With 8 events in 455.3PY, 9 in 1440PY, the rate.ratio = (9/1440)/(8/455.3) =
= 0.36.
.
The SE of the log of the ratio is SE.log = sqrt(1/9 + 1/8)
= 0.49, so the multiplicative margin of error is MME = exp( qnorm(c(0.025,0.975))*SE.log)
= 0.39, 2.59, so the CI for the rate ratio is round(rate.ratio*MME,2)
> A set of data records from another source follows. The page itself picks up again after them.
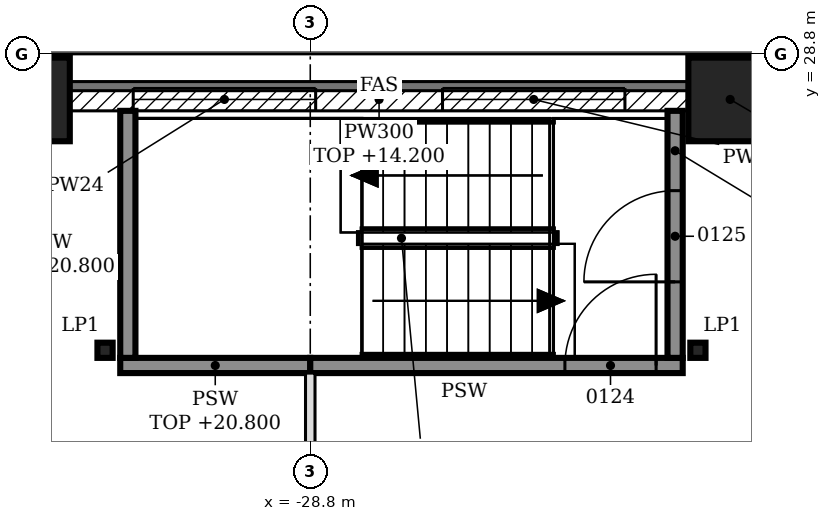
"""IFC4 building model, lengths in metres.
Left out: names, types, materials, properties, quantities, classifications, styles, units other than length and angle.
Written with IfcOpenShell. Run it as: python <this file> out.ifc"""

import sys

from ifc_helpers import new_model, si_unit, direction, frame, frame_2d, origin, origin_2d, place, context, subcontext, project, spatial, polyline, rectangle, hollow_rectangle, i_section, outline, extrude, element, fill, save


model = new_model("IFC4")
c1 = context("Model", 3, precision=1e-05, world=origin(), true_north=direction((0.0, 1.0)))
c2 = subcontext(c1, "Body", "Model", "MODEL_VIEW")
j1 = project(units=[si_unit("LENGTHUNIT", "METRE"), si_unit("PLANEANGLEUNIT", "RADIAN")], contexts=[c1])
p1 = place(None, origin())
s1 = spatial("IfcSite", under=j1, at=p1, CompositionType="ELEMENT")
p2 = place(p1, origin())
s2 = spatial("IfcBuilding", under=s1, at=p2, CompositionType="ELEMENT")
p3 = place(p2, frame((0.0, 0.0, 9.0)))
s3 = spatial("IfcBuildingStorey", under=s2, at=p3, CompositionType="ELEMENT", Elevation=9.0)
for number, where, z_axis, x_axis in (
    (1, (-23.276, 28.2, 0.0), (0.0, 0.0, 1.0), (1.0, 0.0, 0.0)),
    (2, (-32.514, 28.2, 0.0), (0.0, 0.0, 1.0), (1.0, 0.0, 0.0)),
):
    element("IfcColumn", number, at=place(p3, frame(where, z_axis=z_axis, x_axis=x_axis)), inside=s3, PredefinedType="COLUMN", context=c2, shape_type="SweptSolid", body=[
        extrude(hollow_rectangle(XDim=1.1, YDim=1.1, WallThickness=0.06, at=origin_2d()), origin(), (0.0, 0.0, 1.0), 6.0),
    ])
for number, where, z_axis, x_axis in (
    (3, (-31.5, 24.9, 0.0), (0.0, 0.0, 1.0), (1.0, 0.0, 0.0)),
    (4, (-23.7, 24.9, 0.0), (0.0, 0.0, 1.0), (1.0, 0.0, 0.0)),
):
    element("IfcColumn", number, at=place(p3, frame(where, z_axis=z_axis, x_axis=x_axis)), inside=s3, PredefinedType="COLUMN", context=c2, shape_type="SweptSolid", body=[
        extrude(i_section(OverallWidth=0.2, OverallDepth=0.2, WebThickness=0.009, FlangeThickness=0.015, FilletRadius=0.018, at=origin_2d()), origin(), (0.0, 0.0, 1.0), 6.0),
    ])
p4 = place(p3, frame((-23.826, 28.2, 0.0), z_axis=(0.0, 0.0, 1.0), x_axis=(-1.0, 0.0, 0.0)))
e5 = element("IfcWall", 5, at=p4, inside=s3, PredefinedType="SOLIDWALL", context=c2, shape_type="SweptSolid", body=[
    extrude(rectangle(XDim=8.138, YDim=0.3, at=frame_2d((4.069, 0.0))), origin(), (0.0, 0.0, 1.0), 5.2),
])
p5 = place(p4, frame((0.834, 0.0, 0.9)))
e6 = element("IfcOpeningElement", 6, at=p5, cuts=e5, PredefinedType="OPENING", context=c2, shape_type="SweptSolid", body=[
    extrude(rectangle(XDim=2.4, YDim=2.4, at=frame_2d((1.2, 1.2))), frame((0.0, 0.16, 0.0), z_axis=(0.0, -1.0, 0.0), x_axis=(1.0, 0.0, 0.0)), (0.0, 0.0, 1.0), 0.32),
])
p6 = place(p4, frame((4.903, 0.0, 0.9)))
e7 = element("IfcOpeningElement", 7, at=p6, cuts=e5, PredefinedType="OPENING", context=c2, shape_type="SweptSolid", body=[
    extrude(rectangle(XDim=2.4, YDim=2.4, at=frame_2d((1.2, 1.2))), frame((0.0, 0.16, 0.0), z_axis=(0.0, -1.0, 0.0), x_axis=(1.0, 0.0, 0.0)), (0.0, 0.0, 1.0), 0.32),
])
p7 = place(p3, frame((-28.8, -24.6, 0.0), z_axis=(0.0, 0.0, 1.0), x_axis=(0.0, 1.0, 0.0)))
e8 = element("IfcWall", 8, at=p7, inside=s3, PredefinedType="PARTITIONING", context=c2, shape_type="SweptSolid", body=[
    extrude(outline(polyline([(0.0, 0.0), (49.2, 0.0), (49.2, 11.8), (43.95, 11.8), (43.948, 11.18), (43.65, 11.18), (43.648, 11.8), (39.15, 11.8), (39.148, 11.18), (38.85, 11.18), (38.848, 11.8), (34.35, 11.8), (34.348, 11.18), (34.05, 11.18), (34.048, 11.8), (29.55, 11.8), (29.548, 11.18), (29.25, 11.18), (29.248, 11.8), (24.75, 11.8), (24.748, 11.18), (24.45, 11.18), (24.448, 11.8), (19.95, 11.8), (19.948, 11.18), (19.65, 11.18), (19.648, 11.8), (15.15, 11.8), (15.148, 11.18), (14.85, 11.18), (14.848, 11.8), (10.35, 11.8), (10.348, 11.18), (10.05, 11.18), (10.048, 11.8), (5.55, 11.8), (5.548, 11.18), (5.25, 11.18), (5.248, 11.8), (0.0, 11.8), (0.0, 0.0)])), frame((0.0, 0.062, 0.0), z_axis=(0.0, -1.0, 0.0), x_axis=(1.0, 0.0, 0.0)), (0.0, 0.0, 1.0), 0.125),
])
p8 = place(p7, frame((1.7, 0.0, 0.0)))
e9 = element("IfcOpeningElement", 9, at=p8, cuts=e8, PredefinedType="OPENING", context=c2, shape_type="SweptSolid", body=[
    extrude(rectangle(XDim=1.8, YDim=2.1, at=frame_2d((0.9, 1.05))), frame((0.0, 0.073, 0.0), z_axis=(0.0, -1.0, 0.0), x_axis=(1.0, 0.0, 0.0)), (0.0, 0.0, 1.0), 0.145),
])
p9 = place(p7, frame((5.7, 0.0, 0.0)))
e10 = element("IfcOpeningElement", 10, at=p9, cuts=e8, PredefinedType="OPENING", context=c2, shape_type="SweptSolid", body=[
    extrude(rectangle(XDim=1.8, YDim=2.1, at=frame_2d((0.9, 1.05))), frame((0.0, 0.073, 0.0), z_axis=(0.0, -1.0, 0.0), x_axis=(1.0, 0.0, 0.0)), (0.0, 0.0, 1.0), 0.145),
])
p10 = place(p7, frame((12.7, 0.0, 0.0)))
e11 = element("IfcOpeningElement", 11, at=p10, cuts=e8, PredefinedType="OPENING", context=c2, shape_type="SweptSolid", body=[
    extrude(rectangle(XDim=1.8, YDim=2.1, at=frame_2d((0.9, 1.05))), frame((0.0, 0.073, 0.0), z_axis=(0.0, -1.0, 0.0), x_axis=(1.0, 0.0, 0.0)), (0.0, 0.0, 1.0), 0.145),
])
p11 = place(p7, frame((16.2, 0.0, 0.0)))
e12 = element("IfcOpeningElement", 12, at=p11, cuts=e8, PredefinedType="OPENING", context=c2, shape_type="SweptSolid", body=[
    extrude(rectangle(XDim=1.8, YDim=2.1, at=frame_2d((0.9, 1.05))), frame((0.0, 0.073, 0.0), z_axis=(0.0, -1.0, 0.0), x_axis=(1.0, 0.0, 0.0)), (0.0, 0.0, 1.0), 0.145),
])
p12 = place(p7, frame((31.2, 0.0, 0.0)))
e13 = element("IfcOpeningElement", 13, at=p12, cuts=e8, PredefinedType="OPENING", context=c2, shape_type="SweptSolid", body=[
    extrude(rectangle(XDim=1.8, YDim=2.1, at=frame_2d((0.9, 1.05))), frame((0.0, 0.073, 0.0), z_axis=(0.0, -1.0, 0.0), x_axis=(1.0, 0.0, 0.0)), (0.0, 0.0, 1.0), 0.145),
])
p13 = place(p7, frame((34.7, 0.0, 0.0)))
e14 = element("IfcOpeningElement", 14, at=p13, cuts=e8, PredefinedType="OPENING", context=c2, shape_type="SweptSolid", body=[
    extrude(rectangle(XDim=1.8, YDim=2.1, at=frame_2d((0.9, 1.05))), frame((0.0, 0.073, 0.0), z_axis=(0.0, -1.0, 0.0), x_axis=(1.0, 0.0, 0.0)), (0.0, 0.0, 1.0), 0.145),
])
p14 = place(p7, frame((41.7, 0.0, 0.0)))
e15 = element("IfcOpeningElement", 15, at=p14, cuts=e8, PredefinedType="OPENING", context=c2, shape_type="SweptSolid", body=[
    extrude(rectangle(XDim=1.8, YDim=2.1, at=frame_2d((0.9, 1.05))), frame((0.0, 0.073, 0.0), z_axis=(0.0, -1.0, 0.0), x_axis=(1.0, 0.0, 0.0)), (0.0, 0.0, 1.0), 0.145),
])
p15 = place(p7, frame((45.7, 0.0, 0.0)))
e16 = element("IfcOpeningElement", 16, at=p15, cuts=e8, PredefinedType="OPENING", context=c2, shape_type="SweptSolid", body=[
    extrude(rectangle(XDim=1.8, YDim=2.1, at=frame_2d((0.9, 1.05))), frame((0.0, 0.073, 0.0), z_axis=(0.0, -1.0, 0.0), x_axis=(1.0, 0.0, 0.0)), (0.0, 0.0, 1.0), 0.145),
])
p16 = place(p3, frame((-31.3, 24.7, 0.0), z_axis=(0.0, 0.0, 1.0), x_axis=(1.0, 0.0, 0.0)))
e17 = element("IfcWall", 17, at=p16, inside=s3, PredefinedType="SOLIDWALL", context=c2, shape_type="SweptSolid", body=[
    extrude(rectangle(XDim=2.5, YDim=0.2, at=frame_2d((1.25, 0.0))), origin(), (0.0, 0.0, 1.0), 11.8),
])
p17 = place(p3, frame((-28.8, 24.7, 0.0), z_axis=(0.0, 0.0, 1.0), x_axis=(1.0, 0.0, 0.0)))
e18 = element("IfcWall", 18, at=p17, inside=s3, PredefinedType="SOLIDWALL", context=c2, shape_type="SweptSolid", body=[
    extrude(rectangle(XDim=4.9, YDim=0.2, at=frame_2d((2.45, 0.0))), origin(), (0.0, 0.0, 1.0), 5.8),
])
p18 = place(p17, frame((3.35, 0.0, 0.0)))
e19 = element("IfcOpeningElement", 19, at=p18, cuts=e18, PredefinedType="OPENING", context=c2, shape_type="SweptSolid", body=[
    extrude(rectangle(XDim=1.2, YDim=2.1, at=frame_2d((0.6, 1.05))), frame((0.0, 0.11, 0.0), z_axis=(0.0, -1.0, 0.0), x_axis=(1.0, 0.0, 0.0)), (0.0, 0.0, 1.0), 0.22),
])
p19 = place(p3, frame((-31.2, 24.8, 0.0), z_axis=(0.0, 0.0, 1.0), x_axis=(0.0, 1.0, 0.0)))
e20 = element("IfcWall", 20, at=p19, inside=s3, PredefinedType="SOLIDWALL", context=c2, shape_type="SweptSolid", body=[
    extrude(rectangle(XDim=3.25, YDim=0.2, at=frame_2d((1.625, 0.0))), origin(), (0.0, 0.0, 1.0), 11.8),
])
p20 = place(p3, frame((-24.0, 24.8, 0.0), z_axis=(0.0, 0.0, 1.0), x_axis=(0.0, 1.0, 0.0)))
e21 = element("IfcWall", 21, at=p20, inside=s3, PredefinedType="SOLIDWALL", context=c2, shape_type="SweptSolid", body=[
    extrude(rectangle(XDim=3.25, YDim=0.2, at=frame_2d((1.625, 0.0))), origin(), (0.0, 0.0, 1.0), 5.8),
])
p21 = place(p20, frame((1.0, 0.0, 0.0)))
e22 = element("IfcOpeningElement", 22, at=p21, cuts=e21, PredefinedType="OPENING", context=c2, shape_type="SweptSolid", body=[
    extrude(rectangle(XDim=1.2, YDim=2.1, at=frame_2d((0.6, 1.05))), frame((0.0, 0.11, 0.0), z_axis=(0.0, -1.0, 0.0), x_axis=(1.0, 0.0, 0.0)), (0.0, 0.0, 1.0), 0.22),
])
p22 = place(p5, origin())
e23 = element("IfcWindow", 23, at=p22, inside=s3, PartitioningType="SINGLE_PANEL", PredefinedType="WINDOW", context=c2, shape_type="SweptSolid", body=[
    extrude(rectangle(XDim=2.4, YDim=2.4, at=frame_2d((1.2, 1.2))), frame((0.0, 0.03, 0.0), z_axis=(0.0, -1.0, 0.0), x_axis=(1.0, 0.0, 0.0)), (0.0, 0.0, 1.0), 0.06),
])
fill(e6, e23)
p23 = place(p6, origin())
e24 = element("IfcWindow", 24, at=p23, inside=s3, PartitioningType="SINGLE_PANEL", PredefinedType="WINDOW", context=c2, shape_type="SweptSolid", body=[
    extrude(rectangle(XDim=2.4, YDim=2.4, at=frame_2d((1.2, 1.2))), frame((0.0, 0.03, 0.0), z_axis=(0.0, -1.0, 0.0), x_axis=(1.0, 0.0, 0.0)), (0.0, 0.0, 1.0), 0.06),
])
fill(e7, e24)
p24 = place(p18, origin())
e25 = element("IfcDoor", 25, at=p24, inside=s3, OperationType="SINGLE_SWING_RIGHT", PredefinedType="DOOR", context=c2, shape_type="SweptSolid", body=[
    extrude(rectangle(XDim=1.2, YDim=2.1, at=frame_2d((0.6, 1.05))), frame((0.0, 0.025, 0.0), z_axis=(0.0, -1.0, 0.0), x_axis=(1.0, 0.0, 0.0)), (0.0, 0.0, 1.0), 0.05),
])
fill(e19, e25)
p25 = place(p21, origin())
e26 = element("IfcDoor", 26, at=p25, inside=s3, OperationType="SINGLE_SWING_LEFT", PredefinedType="DOOR", context=c2, shape_type="SweptSolid", body=[
    extrude(rectangle(XDim=1.2, YDim=2.1, at=frame_2d((0.6, 1.05))), frame((0.0, 0.025, 0.0), z_axis=(0.0, -1.0, 0.0), x_axis=(1.0, 0.0, 0.0)), (0.0, 0.0, 1.0), 0.05),
])
fill(e22, e26)
save(model, sys.argv[1])

= 0.14, 0.93, which closely matches the reported one.
.
In case the concept of a multiplicative margin of error is new and mysterious to you, think of it as a ‘shortcut’ that avoids having to take the log of the observed rate ratio, then calculate the CI in the log scale, then transform these limits back to the natural, ratio, scale. Instead we leave the rate ratio in place, and ‘multiply and divide’ it by the back-transformed margins of error. The MMEs are symmetric in the log scale, and allow us to describe the lower limit as ‘x fold’ or ‘x-times’ lower than the point estimate, and the upper limit as ‘x fold’ or ‘x-times’ higher than the point estimate. It encourages us to think in a multiplicative scale, and to get away from thinking that the only limits are \(+/-\) style limits. Now we have \(\div \ \times\) style limits.
Why are the corresponding adjusted IRR (2 vs 1) estimates from model 2 in Table 3 closer to the null (i.e., to IRR=1) than the crude one in Table 2?
.
Because the UNadjusted one compared YOUNGER and fitter men with compared OLDER and less fit men. If we level the playing field (to use a term we hear a lot these days) or **take away* the starting age-advantage, then naturally, the event rate ratio (the Incidence Density Ratio, the Hazard Ratio) is less extreme.